Я показал ему пистолет, и он чуть не взвыл от восторга. Охал и ахал, целый час перебрасывал пистолет с ладони на ладонь, совсем с ума сошел.

- В нем нет патронов, - сказал я, отбирая пистолет.

- Да их можно сколько угодно достать! Если тебе что-нибудь нужно будет достать - ты ко мне обращайся. Пушку нужно - достану! Танк - пожалуйста! - заорал он, с завистью глядя на исчезнувший в моем кармане пистолет.

- Брось трепаться, - говорю. - Насчет танка ты другому скажи, и насчет пушки тоже. Меня больше краски интересуют.

- Ты в опере бывал? - спрашивает.

- В кишках она у меня, твоя опера, сидит!

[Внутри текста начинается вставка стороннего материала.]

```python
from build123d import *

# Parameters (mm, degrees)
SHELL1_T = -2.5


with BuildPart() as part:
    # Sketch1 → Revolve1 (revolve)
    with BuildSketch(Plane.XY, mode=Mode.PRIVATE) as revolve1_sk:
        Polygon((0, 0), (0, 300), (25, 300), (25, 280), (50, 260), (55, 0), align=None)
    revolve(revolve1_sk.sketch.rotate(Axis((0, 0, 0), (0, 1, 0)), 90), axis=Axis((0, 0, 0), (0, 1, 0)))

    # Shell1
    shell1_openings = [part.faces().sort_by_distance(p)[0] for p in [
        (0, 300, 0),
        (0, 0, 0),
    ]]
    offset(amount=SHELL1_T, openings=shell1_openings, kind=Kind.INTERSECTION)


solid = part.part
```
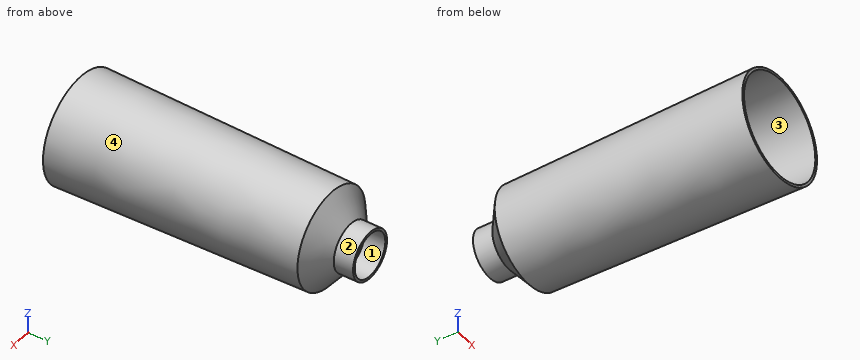
Part model, mm, in its own coordinate system. Face numbers are marked on the shaded views. A direction names the side the tool comes from. Round coordinates to 2 decimals unless told otherwise and drop trailing zeros. Write each loop counter-clockwise with the first axis right and the second up, starting at its lowest first coordinate (ties: lowest second). Pieces come first, ordered by that corner, then holes.
Item 1: Which spindle directions (+Z, -Z, +X, -X, +Y, -Y) get a long thin tool onto all of the face, cutting with end or side? Do the marked faces 1 and 2. Say none if no direction does.
Results:
face 1: +Y, -Y
face 2: +Y
Item 2: Cut at A-A, the plane y = 69. Give the cut face in (x, z).
Results:
outline: circle Ø107.35 at (0, 0); hole circle Ø102.35 at (0, 0)
Item 3: Drop flat-ended pins along their axis: pin 1 Ø12 at (x, z) = (11, 23.5) entering from -Y; pin 2 Ø8 at (x, z) = (-7, 28.5) entering from +Y; pin 3 Ø1 at (x, y) = (9, 85.5) entering from +Z. Give the stop position or say it passes through.
Results:
pin 1: stops at y = 271.24
pin 2: stops at y = 279.72
pin 3: stops at z = 52.67
Item 4: Cut at B-B, the plane y = 140. Give the cut face in (x, z), plus the area to 3 significant figures.
Results:
outline: circle Ø104.62 at (0, 0); hole circle Ø99.61 at (0, 0)
area: 802 mm2
Item 5: Probe L1, parallel to X at y = 290, z = 0; L2, parallel to X at y = 155.5, z = 11; L3, parallel to Z at x = -30.5, y = 214. List the from-to ranges inside material, lowest first.
Results:
L1: x = -25 to -22.5, 22.5 to 25
L2: x = -50.83 to -48.27, 48.27 to 50.83
L3: z = -40.73 to -37.56, 37.56 to 40.73
Item 6: Two-plate mould, pull along Z, no slides. Class the marked faces 3 and 4: +Z half, -Z half, draft (parallel to the pull), parting line (faces both ways), or undercut.
Results:
face 3: undercut
face 4: parting line

- На чердаке там не бывал?

- Всю жизнь там на чердаке сидел, а как же!

- Ладно, пропуск у тебя в оперу остался?

- Ну, дальше что?

- А дальше, - говорит, - дело в шляпе!

Я ничего не понял, он мне стал выкладывать свой план. До чего на подобные штуки голова у него работает! Диву даешься! План такой: мы пробираемся в оперу на чердак. Через чердак вылезаем на крышу. Спускаемся по пожарной металлической лестнице на соседнюю крышу, а с этой на следующую. Через несколько крыш добираемся к окну антресоли мастерской заслуженного художника Велимбекова, влезаем в его мастерскую и забираем краски. Обратное возвращение через оперу практически исключено. С ворованным нас могут задержать. Нужно возвращаться другим путем. Но каким? Через дверь, утверждает Гарик, не войти и не выйти, заслуженный художник запирает на три замка. Он, Гарик, еще подумает, каким путем возвращаться обратно.

Грабеж, короче говоря. Один меня в колонию не упрятал, так другой собирается. Кошмарики, пропало ваше чадо, скатились, докатились, допрыгались, дожили, как гад Штора выражался.

Ничтожная мазня у Велимбекова, подумал я. Видел я его картины на выставке, подумаешь, дрянь! В сто раз мне больше нужны краски, чем ему! Наверняка я талантливей его, безусловно, спору нет. Где же тут справедливость, товарищи? Где же правда, товарищи?

- Послушай, - спрашиваю, - откуда ты знаешь, что через оперу по крыше добраться можно?

- Ха! Как мне не знать, - отвечает, - если я у Велимбекова позировал в его картине пионером! Когда я уставал, он мне разрешал на крышу в окно вылезать, поразмяться. Пока я у него пионером позировал - все крыши облазил.

Я сразу представил его разгуливающим по крышам с красным галстуком на груди. Тоже мне пионер! Ни стыда ни совести. Бывал в гостях у человека, а теперь его грабить собирается. Ведь ему нисколько краски не нужны, а он и не задумывается, вперед - и никаких гвоздей! А мне краски нужны до зарезу, я не человек без них, ничего не значащая личность, а задумываюсь как дурак. Так и буду ходить задумчивый всю жизнь, каждый меня облапошит. Морально устойчивая, несомневающаяся личность.

- Послушай, - спрашиваю, - а ты хоть раз через оперу проходил? Ты уверен, можно через оперу пройти? Может, ты только на крыше разминался?

Он обиделся.

- Однажды, - говорит, - я от Велимбекова прямо в оперу ушел. Позировать закончил, снял свой галстук - и в окно на "Севильский цирюльник". "Севильский цирюльник" смотреть не стал, а только в буфете лимонаду выпил и домой.

- А другим путем никак нельзя? - спрашиваю.

- Можно по воздуху, елки-палки. Фьють - и там. Ага?

А сам на карман мой косится, - если он танк доставать собирается, то пистолет в два счета можно достать, вот болтун! Насчет кутерьмы вокруг мастерской верить ему или не верить? По всему видать, он правду говорит, с какой бы стати ему наговаривать. Тем более он сам на это дело идет, не дурак же он, в конце концов.